Has any one else on any others herbal tablets that they feel are really good? As it all help.
Beginning of the discussion - 04/09/2014Everyday life with Fibromyalgia https://www.carenity.co.uk/forum/fibromyalgia/living-with-fibromyalgia/everyday-life-with-fibromyalgia-89
Posted on 04/09/2014 14:55
I also used to take many different kinds of tablets. I found it so depressing, especially because it didn't relieve the pain enough to make up for the side effects, just as you mentioned. Now I have slowed down the intake and also trying to find other ways to relieve the pain.
I find that yoga is helpful because of the relaxation techniques I have learned. When the pain is really bad it can help me a lot to do some breathing exercises. Also I am considering trying the herb St. John's wort. I have heard that it can relieve pain too! Have you tried that?
Posted on 17/12/2014 18:47
I am only taking Citalopram and Tramadol 50mg (moved on to Marol 100mg), so probably not as many drugs as others! I must suffer more than Im letting on as I dont really want to be on loads of different meds. I do try to use a organic muscle and joint rub from a company called Badger Balm and it does help briefly, also their sleep relaxer is good too!

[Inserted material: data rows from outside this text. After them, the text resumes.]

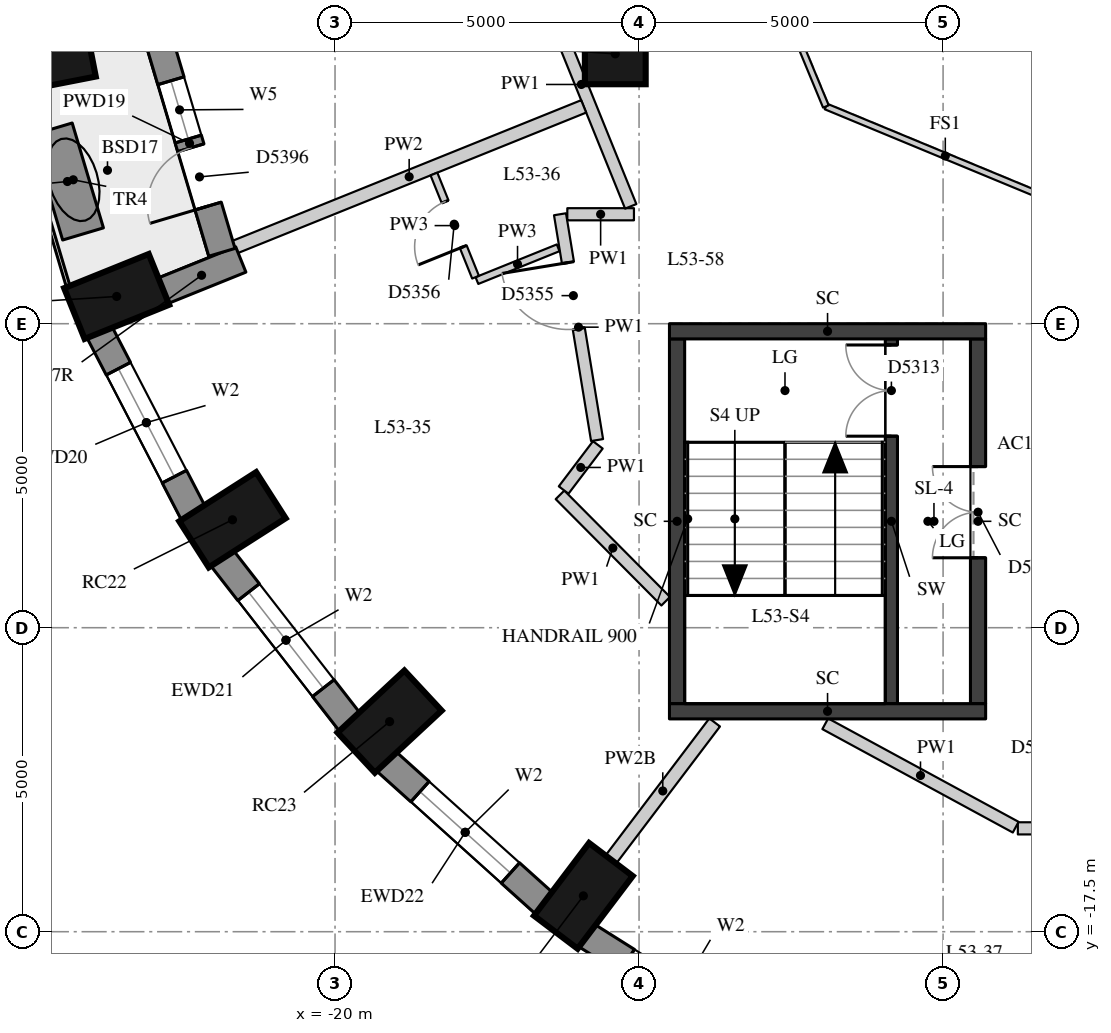
"""IFC4 building model, lengths in metres.
Left out: names, types, materials, properties, quantities, classifications, styles, units other than length and angle.
Written with IfcOpenShell. Run it as: python <this file> out.ifc"""

import sys

from ifc_helpers import new_model, si_unit, direction, frame, frame_2d, origin, origin_2d, place, context, subcontext, project, spatial, rectangle, extrude, element, fill, save


model = new_model("IFC4")
c1 = context("Model", 3, precision=1e-05, world=origin(), true_north=direction((0.0, 1.0)))
c2 = subcontext(c1, "Body", "Model", "MODEL_VIEW")
j1 = project(units=[si_unit("LENGTHUNIT", "METRE"), si_unit("PLANEANGLEUNIT", "RADIAN")], contexts=[c1])
p1 = place(None, origin())
s1 = spatial("IfcSite", under=j1, at=p1, CompositionType="ELEMENT")
p2 = place(p1, origin())
s2 = spatial("IfcBuilding", under=s1, at=p2, CompositionType="ELEMENT")
p3 = place(p2, frame((0.0, 0.0, 189.2)))
s3 = spatial("IfcBuildingStorey", under=s2, at=p3, CompositionType="ELEMENT", Elevation=189.2)
for number, where, z_axis, x_axis in (
    (1, (-24.757, -3.137, 0.0), (0.0, 0.0, 1.0), (-0.981, -0.192, 0.0)),
    (2, (-23.591, -7.052, 0.0), (0.0, 0.0, 1.0), (-0.927, -0.374, 0.0)),
    (3, (-21.687, -10.725, 0.0), (0.0, 0.0, 1.0), (-0.842, -0.539, 0.0)),
    (4, (-19.102, -14.045, 0.0), (0.0, 0.0, 1.0), (-0.732, -0.681, 0.0)),
    (5, (-15.916, -16.911, 0.0), (0.0, 0.0, 1.0), (-0.604, -0.797, 0.0)),
):
    element("IfcColumn", number, at=place(p3, frame(where, z_axis=z_axis, x_axis=x_axis)), inside=s3, PredefinedType="COLUMN", context=c2, shape_type="SweptSolid", body=[
        extrude(rectangle(XDim=1.5, YDim=0.9, at=origin_2d()), origin(), (0.0, 0.0, 1.0), 3.3),
    ])
p4 = place(p3, frame((-15.391, -3.062, 0.0), z_axis=(0.0, 0.0, 1.0), x_axis=(1.0, 0.0, 0.0)))
e6 = element("IfcColumn", 6, at=p4, inside=s3, PredefinedType="COLUMN", context=c2, shape_type="SweptSolid", body=[
    extrude(rectangle(XDim=1.0, YDim=1.0, at=origin_2d()), origin(), (0.0, 0.0, 1.0), 3.3),
])
p5 = place(p3, frame((-23.878, -7.632, 0.0), z_axis=(0.0, 0.0, 1.0), x_axis=(0.460232593174, -0.887798378113, 0.0)))
e7 = element("IfcWall", 7, at=p5, inside=s3, PredefinedType="SOLIDWALL", context=c2, shape_type="SweptSolid", body=[
    extrude(rectangle(XDim=3.371, YDim=0.45, at=frame_2d((1.685, 0.0))), origin(), (0.0, 0.0, 1.0), 3.02),
])
p6 = place(p5, frame((0.685, 0.0, 0.4)))
e8 = element("IfcOpeningElement", 8, at=p6, cuts=e7, PredefinedType="OPENING", context=c2, shape_type="SweptSolid", body=[
    extrude(rectangle(XDim=2.0, YDim=1.75, at=frame_2d((1.0, 0.875))), frame((0.0, 0.235, 0.0), z_axis=(0.0, -1.0, 0.0), x_axis=(1.0, 0.0, 0.0)), (0.0, 0.0, 1.0), 0.47),
])
p7 = place(p3, frame((-21.863, -11.348, 0.0), z_axis=(0.0, 0.0, 1.0), x_axis=(0.614255239631, -0.789107407509, 0.0)))
e9 = element("IfcWall", 9, at=p7, inside=s3, PredefinedType="SOLIDWALL", context=c2, shape_type="SweptSolid", body=[
    extrude(rectangle(XDim=3.438, YDim=0.45, at=frame_2d((1.719, 0.0))), origin(), (0.0, 0.0, 1.0), 3.02),
])
p8 = place(p7, frame((0.719, 0.0, 0.4)))
e10 = element("IfcOpeningElement", 10, at=p8, cuts=e9, PredefinedType="OPENING", context=c2, shape_type="SweptSolid", body=[
    extrude(rectangle(XDim=2.0, YDim=1.75, at=frame_2d((1.0, 0.875))), frame((0.0, 0.235, 0.0), z_axis=(0.0, -1.0, 0.0), x_axis=(1.0, 0.0, 0.0)), (0.0, 0.0, 1.0), 0.47),
])
p9 = place(p3, frame((-19.165, -14.69, 0.0), z_axis=(0.0, 0.0, 1.0), x_axis=(0.743442727602, -0.668799604348, 0.0)))
e11 = element("IfcWall", 11, at=p9, inside=s3, PredefinedType="SOLIDWALL", context=c2, shape_type="SweptSolid", body=[
    extrude(rectangle(XDim=3.513, YDim=0.45, at=frame_2d((1.756, 0.0))), origin(), (0.0, 0.0, 1.0), 3.02),
])
p10 = place(p9, frame((0.756, 0.0, 0.4)))
e12 = element("IfcOpeningElement", 12, at=p10, cuts=e11, PredefinedType="OPENING", context=c2, shape_type="SweptSolid", body=[
    extrude(rectangle(XDim=2.0, YDim=1.75, at=frame_2d((1.0, 0.875))), frame((0.0, 0.235, 0.0), z_axis=(0.0, -1.0, 0.0), x_axis=(1.0, 0.0, 0.0)), (0.0, 0.0, 1.0), 0.47),
])
p11 = place(p3, frame((-15.867, -17.559, 0.0), z_axis=(0.0, 0.0, 1.0), x_axis=(0.84616917791, -0.532914366813, 0.0)))
e13 = element("IfcWall", 13, at=p11, inside=s3, PredefinedType="SOLIDWALL", context=c2, shape_type="SweptSolid", body=[
    extrude(rectangle(XDim=3.587, YDim=0.45, at=frame_2d((1.793, 0.0))), origin(), (0.0, 0.0, 1.0), 3.02),
])
p12 = place(p11, frame((0.793, 0.0, 0.4)))
e14 = element("IfcOpeningElement", 14, at=p12, cuts=e13, PredefinedType="OPENING", context=c2, shape_type="SweptSolid", body=[
    extrude(rectangle(XDim=2.0, YDim=1.75, at=frame_2d((1.0, 0.875))), frame((0.0, 0.235, 0.0), z_axis=(0.0, -1.0, 0.0), x_axis=(1.0, 0.0, 0.0)), (0.0, 0.0, 1.0), 0.47),
])
p13 = place(p3, frame((-22.84, -6.964, 0.0), z_axis=(0.0, 0.0, 1.0), x_axis=(0.92737073954, 0.374143704271, 0.0)))
e15 = element("IfcWall", 15, at=p13, inside=s3, PredefinedType="SOLIDWALL", context=c2, shape_type="SweptSolid", body=[
    extrude(rectangle(XDim=1.391, YDim=0.45, at=frame_2d((0.695, 0.0))), origin(), (0.0, 0.0, 1.0), 3.02),
])
p14 = place(p3, frame((-22.925, -2.743, 0.0), z_axis=(0.0, 0.0, 1.0), x_axis=(0.284722093158, -0.958610103049, 0.0)))
e16 = element("IfcWall", 16, at=p14, inside=s3, PredefinedType="SOLIDWALL", context=c2, shape_type="SweptSolid", body=[
    extrude(rectangle(XDim=3.738, YDim=0.45, at=frame_2d((1.869, 0.0))), origin(), (0.0, 0.0, 1.0), 3.02),
])
p15 = place(p14, frame((0.794, 0.0, 0.4)))
e17 = element("IfcOpeningElement", 17, at=p15, cuts=e16, PredefinedType="OPENING", context=c2, shape_type="SweptSolid", body=[
    extrude(rectangle(XDim=1.0, YDim=1.75, at=frame_2d((0.5, 0.875))), frame((0.0, 0.235, 0.0), z_axis=(0.0, -1.0, 0.0), x_axis=(1.0, 0.0, 0.0)), (0.0, 0.0, 1.0), 0.47),
])
p16 = place(p14, frame((1.944, 0.0, 0.0)))
e18 = element("IfcOpeningElement", 18, at=p16, cuts=e16, PredefinedType="OPENING", context=c2, shape_type="SweptSolid", body=[
    extrude(rectangle(XDim=1.0, YDim=2.15, at=frame_2d((0.5, 1.075))), frame((0.0, 0.235, 0.0), z_axis=(0.0, -1.0, 0.0), x_axis=(1.0, 0.0, 0.0)), (0.0, 0.0, 1.0), 0.47),
])
p17 = place(p3, frame((-24.658, -4.299, 0.0), z_axis=(0.0, 0.0, 1.0), x_axis=(0.285505743157, -0.958376998171, 0.0)))
e19 = element("IfcWall", 19, at=p17, inside=s3, PredefinedType="USERDEFINED", context=c2, shape_type="SweptSolid", body=[
    extrude(rectangle(XDim=1.8, YDim=0.7, at=frame_2d((0.9, 0.0))), origin(), (0.0, 0.0, 1.0), 0.75),
])
p18 = place(p3, frame((-10.85, -13.75, 0.0), z_axis=(0.0, 0.0, 1.0), x_axis=(0.0, 1.0, 0.0)))
e20 = element("IfcWall", 20, at=p18, inside=s3, PredefinedType="SHEAR", context=c2, shape_type="SweptSolid", body=[
    extrude(rectangle(XDim=6.0, YDim=0.2, at=frame_2d((3.0, 0.0))), origin(), (0.0, 0.0, 1.0), 3.02),
])
p19 = place(p18, frame((4.4, 0.0, 0.0)))
e21 = element("IfcOpeningElement", 21, at=p19, cuts=e20, PredefinedType="OPENING", context=c2, shape_type="SweptSolid", body=[
    extrude(rectangle(XDim=1.5, YDim=2.1, at=frame_2d((0.75, 1.05))), frame((0.0, 0.11, 0.0), z_axis=(0.0, -1.0, 0.0), x_axis=(1.0, 0.0, 0.0)), (0.0, 0.0, 1.0), 0.22),
])
p20 = place(p3, frame((-14.375, -13.75, -0.28), z_axis=(0.0, 0.0, 1.0), x_axis=(0.0, 1.0, 0.0)))
e22 = element("IfcWall", 22, at=p20, inside=s3, PredefinedType="SHEAR", context=c2, shape_type="SweptSolid", body=[
    extrude(rectangle(XDim=6.0, YDim=0.25, at=frame_2d((3.0, 0.0))), origin(), (0.0, 0.0, 1.0), 3.3),
])
p21 = place(p3, frame((-9.425, -13.75, -0.28), z_axis=(0.0, 0.0, 1.0), x_axis=(0.0, 1.0, 0.0)))
e23 = element("IfcWall", 23, at=p21, inside=s3, PredefinedType="SHEAR", context=c2, shape_type="SweptSolid", body=[
    extrude(rectangle(XDim=6.0, YDim=0.25, at=frame_2d((3.0, 0.0))), origin(), (0.0, 0.0, 1.0), 3.3),
])
p22 = place(p21, frame((2.4, 0.0, 0.28)))
e24 = element("IfcOpeningElement", 24, at=p22, cuts=e23, PredefinedType="OPENING", context=c2, shape_type="SweptSolid", body=[
    extrude(rectangle(XDim=1.5, YDim=2.1, at=frame_2d((0.75, 1.05))), frame((0.0, 0.135, 0.0), z_axis=(0.0, -1.0, 0.0), x_axis=(1.0, 0.0, 0.0)), (0.0, 0.0, 1.0), 0.27),
])
for number, where, z_axis, x_axis in (
    (25, (-14.5, -7.625, -0.28), (0.0, 0.0, 1.0), (1.0, 0.0, 0.0)),
    (26, (-14.5, -13.875, -0.28), (0.0, 0.0, 1.0), (1.0, 0.0, 0.0)),
):
    element("IfcWall", number, at=place(p3, frame(where, z_axis=z_axis, x_axis=x_axis)), inside=s3, PredefinedType="SHEAR", context=c2, shape_type="SweptSolid", body=[
        extrude(rectangle(XDim=5.2, YDim=0.25, at=frame_2d((2.6, 0.0))), origin(), (0.0, 0.0, 1.0), 3.3),
    ])
p23 = place(p3, frame((-7.8, -15.8, 0.0), z_axis=(0.0, 0.0, 1.0), x_axis=(-1.0, 0.0, 0.0)))
e27 = element("IfcWall", 27, at=p23, inside=s3, PredefinedType="PARTITIONING", context=c2, shape_type="SweptSolid", body=[
    extrude(rectangle(XDim=0.97, YDim=0.2, at=frame_2d((0.485, 0.0))), origin(), (0.0, 0.0, 1.0), 3.02),
])
p24 = place(p3, frame((-8.806, -15.781, 0.0), z_axis=(0.0, 0.0, 1.0), x_axis=(-0.878760680736, 0.477262680284, 0.0)))
e28 = element("IfcWall", 28, at=p24, inside=s3, PredefinedType="PARTITIONING", context=c2, shape_type="SweptSolid", body=[
    extrude(rectangle(XDim=3.564, YDim=0.2, at=frame_2d((1.782, 0.0))), origin(), (0.0, 0.0, 1.0), 3.02),
])
p25 = place(p3, frame((-14.562, -12.064, 0.0), z_axis=(0.0, 0.0, 1.0), x_axis=(-0.704826289083, 0.709379942074, 0.0)))
e29 = element("IfcWall", 29, at=p25, inside=s3, PredefinedType="PARTITIONING", context=c2, shape_type="SweptSolid", body=[
    extrude(rectangle(XDim=2.466, YDim=0.2, at=frame_2d((1.233, 0.0))), origin(), (0.0, 0.0, 1.0), 3.02),
])
p26 = place(p3, frame((-16.24, -10.236, 0.0), z_axis=(0.0, 0.0, 1.0), x_axis=(0.60389301212, 0.797065386222, 0.0)))
e30 = element("IfcWall", 30, at=p26, inside=s3, PredefinedType="PARTITIONING", context=c2, shape_type="SweptSolid", body=[
    extrude(rectangle(XDim=0.931, YDim=0.2, at=frame_2d((0.466, 0.0))), origin(), (0.0, 0.0, 1.0), 3.02),
])
p27 = place(p3, frame((-15.69, -9.414, 0.0), z_axis=(0.0, 0.0, 1.0), x_axis=(-0.161968669214, 0.986795900981, 0.0)))
e31 = element("IfcWall", 31, at=p27, inside=s3, PredefinedType="PARTITIONING", context=c2, shape_type="SweptSolid", body=[
    extrude(rectangle(XDim=3.764, YDim=0.2, at=frame_2d((1.882, 0.0))), origin(), (0.0, 0.0, 1.0), 3.02),
])
p28 = place(p27, frame((1.858, 0.0, 0.0)))
e32 = element("IfcOpeningElement", 32, at=p28, cuts=e31, PredefinedType="OPENING", context=c2, shape_type="SweptSolid", body=[
    extrude(rectangle(XDim=1.1, YDim=2.1, at=frame_2d((0.55, 1.05))), frame((0.0, 0.11, 0.0), z_axis=(0.0, -1.0, 0.0), x_axis=(1.0, 0.0, 0.0)), (0.0, 0.0, 1.0), 0.22),
])
p29 = place(p3, frame((-16.18, -5.7, 0.0), z_axis=(0.0, 0.0, 1.0), x_axis=(1.0, 0.0, 0.0)))
e33 = element("IfcWall", 33, at=p29, inside=s3, PredefinedType="PARTITIONING", context=c2, shape_type="SweptSolid", body=[
    extrude(rectangle(XDim=1.096, YDim=0.2, at=frame_2d((0.548, 0.0))), origin(), (0.0, 0.0, 1.0), 3.02),
])
p30 = place(p3, frame((-15.137, -5.57, 0.0), z_axis=(0.0, 0.0, 1.0), x_axis=(-0.375464059939, 0.926836954213, 0.0)))
e34 = element("IfcWall", 34, at=p30, inside=s3, PredefinedType="PARTITIONING", context=c2, shape_type="SweptSolid", body=[
    extrude(rectangle(XDim=4.326, YDim=0.2, at=frame_2d((2.163, 0.0))), origin(), (0.0, 0.0, 1.0), 3.02),
])
p31 = place(p3, frame((-21.651, -6.241, 0.0), z_axis=(0.0, 0.0, 1.0), x_axis=(0.927381885483, 0.374116076208, 0.0)))
e35 = element("IfcWall", 35, at=p31, inside=s3, PredefinedType="PARTITIONING", context=c2, shape_type="SweptSolid", body=[
    extrude(rectangle(XDim=6.19, YDim=0.22, at=frame_2d((3.095, 0.0))), origin(), (0.0, 0.0, 1.0), 3.02),
])
p32 = place(p3, frame((-15.463, -16.312, 0.0), z_axis=(0.0, 0.0, 1.0), x_axis=(0.603613294085, 0.797277236101, 0.0)))
e36 = element("IfcWall", 36, at=p32, inside=s3, PredefinedType="PARTITIONING", context=c2, shape_type="SweptSolid", body=[
    extrude(rectangle(XDim=2.828, YDim=0.22, at=frame_2d((1.414, 0.0))), origin(), (0.0, 0.0, 1.0), 2.57),
])
p33 = place(p3, frame((-16.331, -6.252, 0.0), z_axis=(0.0, 0.0, 1.0), x_axis=(-0.927409233125, -0.374048278053, 0.0)))
e37 = element("IfcWall", 37, at=p33, inside=s3, PredefinedType="PARTITIONING", context=c2, shape_type="SweptSolid", body=[
    extrude(rectangle(XDim=1.44, YDim=0.12, at=frame_2d((0.72, 0.0))), origin(), (0.0, 0.0, 1.0), 3.02),
])
p34 = place(p3, frame((-17.689, -6.735, 0.0), z_axis=(0.0, 0.0, 1.0), x_axis=(-0.374057168462, 0.927405647342, 0.0)))
e38 = element("IfcWall", 38, at=p34, inside=s3, PredefinedType="PARTITIONING", context=c2, shape_type="SweptSolid", body=[
    extrude(rectangle(XDim=1.83, YDim=0.12, at=frame_2d((0.915, 0.0))), origin(), (0.0, 0.0, 1.0), 3.02),
])
p35 = place(p34, frame((0.54, 0.0, 0.0)))
e39 = element("IfcOpeningElement", 39, at=p35, cuts=e38, PredefinedType="OPENING", context=c2, shape_type="SweptSolid", body=[
    extrude(rectangle(XDim=0.8, YDim=2.1, at=frame_2d((0.4, 1.05))), frame((0.0, 0.07, 0.0), z_axis=(0.0, -1.0, 0.0), x_axis=(1.0, 0.0, 0.0)), (0.0, 0.0, 1.0), 0.14),
])
for number, where, z_axis, x_axis in (
    (40, (-8.0, -5.554, 0.0), (0.0, 0.0, 1.0), (-0.924, 0.383, 0.0)),
    (41, (-11.927, -3.927, 0.0), (0.0, 0.0, 1.0), (-0.383, 0.924, 0.0)),
):
    element("IfcWall", number, at=place(p3, frame(where, z_axis=z_axis, x_axis=x_axis)), inside=s3, PredefinedType="PARTITIONING", context=c2, shape_type="SweptSolid", body=[
        extrude(rectangle(XDim=4.251, YDim=0.1, at=frame_2d((2.125, 0.0))), origin(), (0.0, 0.0, 1.0), 3.02),
    ])
p36 = place(p6, origin())
e42 = element("IfcWindow", 42, at=p36, inside=s3, PartitioningType="SINGLE_PANEL", PredefinedType="WINDOW", context=c2, shape_type="SweptSolid", body=[
    extrude(rectangle(XDim=2.0, YDim=1.75, at=frame_2d((1.0, 0.875))), frame((0.0, 0.035, 0.0), z_axis=(0.0, -1.0, 0.0), x_axis=(1.0, 0.0, 0.0)), (0.0, 0.0, 1.0), 0.06),
])
fill(e8, e42)
p37 = place(p8, origin())
e43 = element("IfcWindow", 43, at=p37, inside=s3, PartitioningType="SINGLE_PANEL", PredefinedType="WINDOW", context=c2, shape_type="SweptSolid", body=[
    extrude(rectangle(XDim=2.0, YDim=1.75, at=frame_2d((1.0, 0.875))), frame((0.0, 0.035, 0.0), z_axis=(0.0, -1.0, 0.0), x_axis=(1.0, 0.0, 0.0)), (0.0, 0.0, 1.0), 0.06),
])
fill(e10, e43)
p38 = place(p10, origin())
e44 = element("IfcWindow", 44, at=p38, inside=s3, PartitioningType="SINGLE_PANEL", PredefinedType="WINDOW", context=c2, shape_type="SweptSolid", body=[
    extrude(rectangle(XDim=2.0, YDim=1.75, at=frame_2d((1.0, 0.875))), frame((0.0, 0.035, 0.0), z_axis=(0.0, -1.0, 0.0), x_axis=(1.0, 0.0, 0.0)), (0.0, 0.0, 1.0), 0.06),
])
fill(e12, e44)
p39 = place(p15, origin())
e45 = element("IfcWindow", 45, at=p39, inside=s3, PartitioningType="SINGLE_PANEL", PredefinedType="WINDOW", context=c2, shape_type="SweptSolid", body=[
    extrude(rectangle(XDim=1.0, YDim=1.75, at=frame_2d((0.5, 0.875))), frame((0.0, 0.035, 0.0), z_axis=(0.0, -1.0, 0.0), x_axis=(1.0, 0.0, 0.0)), (0.0, 0.0, 1.0), 0.06),
])
fill(e17, e45)
p40 = place(p16, frame((1.0, 0.0, 0.0), z_axis=(0.0, 0.0, 1.0), x_axis=(-1.0, 0.0, 0.0)))
e46 = element("IfcDoor", 46, at=p40, inside=s3, OperationType="SINGLE_SWING_LEFT", PredefinedType="DOOR", context=c2, shape_type="SweptSolid", body=[
    extrude(rectangle(XDim=1.0, YDim=2.15, at=frame_2d((0.5, 1.075))), frame((0.0, 0.075, 0.0), z_axis=(0.0, -1.0, 0.0), x_axis=(1.0, 0.0, 0.0)), (0.0, 0.0, 1.0), 0.05),
])
fill(e18, e46)
p41 = place(p19, origin())
e47 = element("IfcDoor", 47, at=p41, inside=s3, OperationType="DOUBLE_DOOR_SINGLE_SWING", PredefinedType="DOOR", context=c2, shape_type="SweptSolid", body=[
    extrude(rectangle(XDim=1.5, YDim=2.1, at=frame_2d((0.75, 1.05))), frame((0.0, 0.025, 0.0), z_axis=(0.0, -1.0, 0.0), x_axis=(1.0, 0.0, 0.0)), (0.0, 0.0, 1.0), 0.05),
])
fill(e21, e47)
p42 = place(p22, origin())
e48 = element("IfcDoor", 48, at=p42, inside=s3, OperationType="DOUBLE_DOOR_SINGLE_SWING", PredefinedType="DOOR", context=c2, shape_type="SweptSolid", body=[
    extrude(rectangle(XDim=1.5, YDim=2.1, at=frame_2d((0.75, 1.05))), frame((0.0, 0.025, 0.0), z_axis=(0.0, -1.0, 0.0), x_axis=(1.0, 0.0, 0.0)), (0.0, 0.0, 1.0), 0.05),
])
fill(e24, e48)
p43 = place(p28, origin())
e49 = element("IfcDoor", 49, at=p43, inside=s3, OperationType="SINGLE_SWING_RIGHT", PredefinedType="DOOR", context=c2, shape_type="SweptSolid", body=[
    extrude(rectangle(XDim=1.1, YDim=2.1, at=frame_2d((0.55, 1.05))), frame((0.0, 0.025, 0.0), z_axis=(0.0, -1.0, 0.0), x_axis=(1.0, 0.0, 0.0)), (0.0, 0.0, 1.0), 0.05),
])
fill(e32, e49)
p44 = place(p35, origin())
e50 = element("IfcDoor", 50, at=p44, inside=s3, OperationType="SINGLE_SWING_LEFT", PredefinedType="DOOR", context=c2, shape_type="SweptSolid", body=[
    extrude(rectangle(XDim=0.8, YDim=2.1, at=frame_2d((0.4, 1.05))), frame((0.0, 0.025, 0.0), z_axis=(0.0, -1.0, 0.0), x_axis=(1.0, 0.0, 0.0)), (0.0, 0.0, 1.0), 0.05),
])
fill(e39, e50)
save(model, sys.argv[1])

Posted on 22/12/2014 21:36
I have only been diagnosed for just over a year and am taking Cimbalta which does not relieve the pain but helps me deal with it some and Vimovo and codeine as pain relief.
I have some reasonable days but mostly the pain is terrible, along with other symptoms, one of the worst ones is the lack of control of my body temperature. I used to always feel cold because of my hypothyroidism but for the last 2 years I am so hot that my glasses steam up and I perspire to the point that I have to shower and change my clothes sometimes 2 or 3 times a day.
I find it difficult to pick up or hold things as the pain in my ams is unbearable, the problem is I cannot tell anymore wether the is fybro pain or something else ??????
Posted on 01/01/2015 14:50
Hi all, I am new to this site and from reading through comments, also new to Fibro and all it's demons! I read your comment (Lucylocket) about temperature control and wondered if this is something others have too? My thyroid function is fine and it isn't hormonal (on HRT after total hysterectomy) yet I am either boiling hot or freezing cold and I joke with the family that my thermometer is definitely broken!
I am on an assortment of medication which helps with the pain management but like everyone often hide how bad it really gets.
I think my problem is that I 'blame' (rightly or wrongly) every ache and pain on Fibro, but as it is relatively early days for me I guess I will have to monitor things.... Is it just me or can areas of pain vary in location day to day?
Thank you all for 'sharing', it is really helpful for us newbies!
Posted on 02/01/2015 15:40
Cally, pain does depend on each individual, but can say from what Im experiencing its either all over some days and vary to other parts individually another day. never a day of the same I guess. The worst and annoying pain I feel is face muscles, cheeks and eyes especially. I do feel I suffer more from the waist up and below the waist is more fatigue and on and off pain! just seem to constantly suffer in my forearms, head, chest and back!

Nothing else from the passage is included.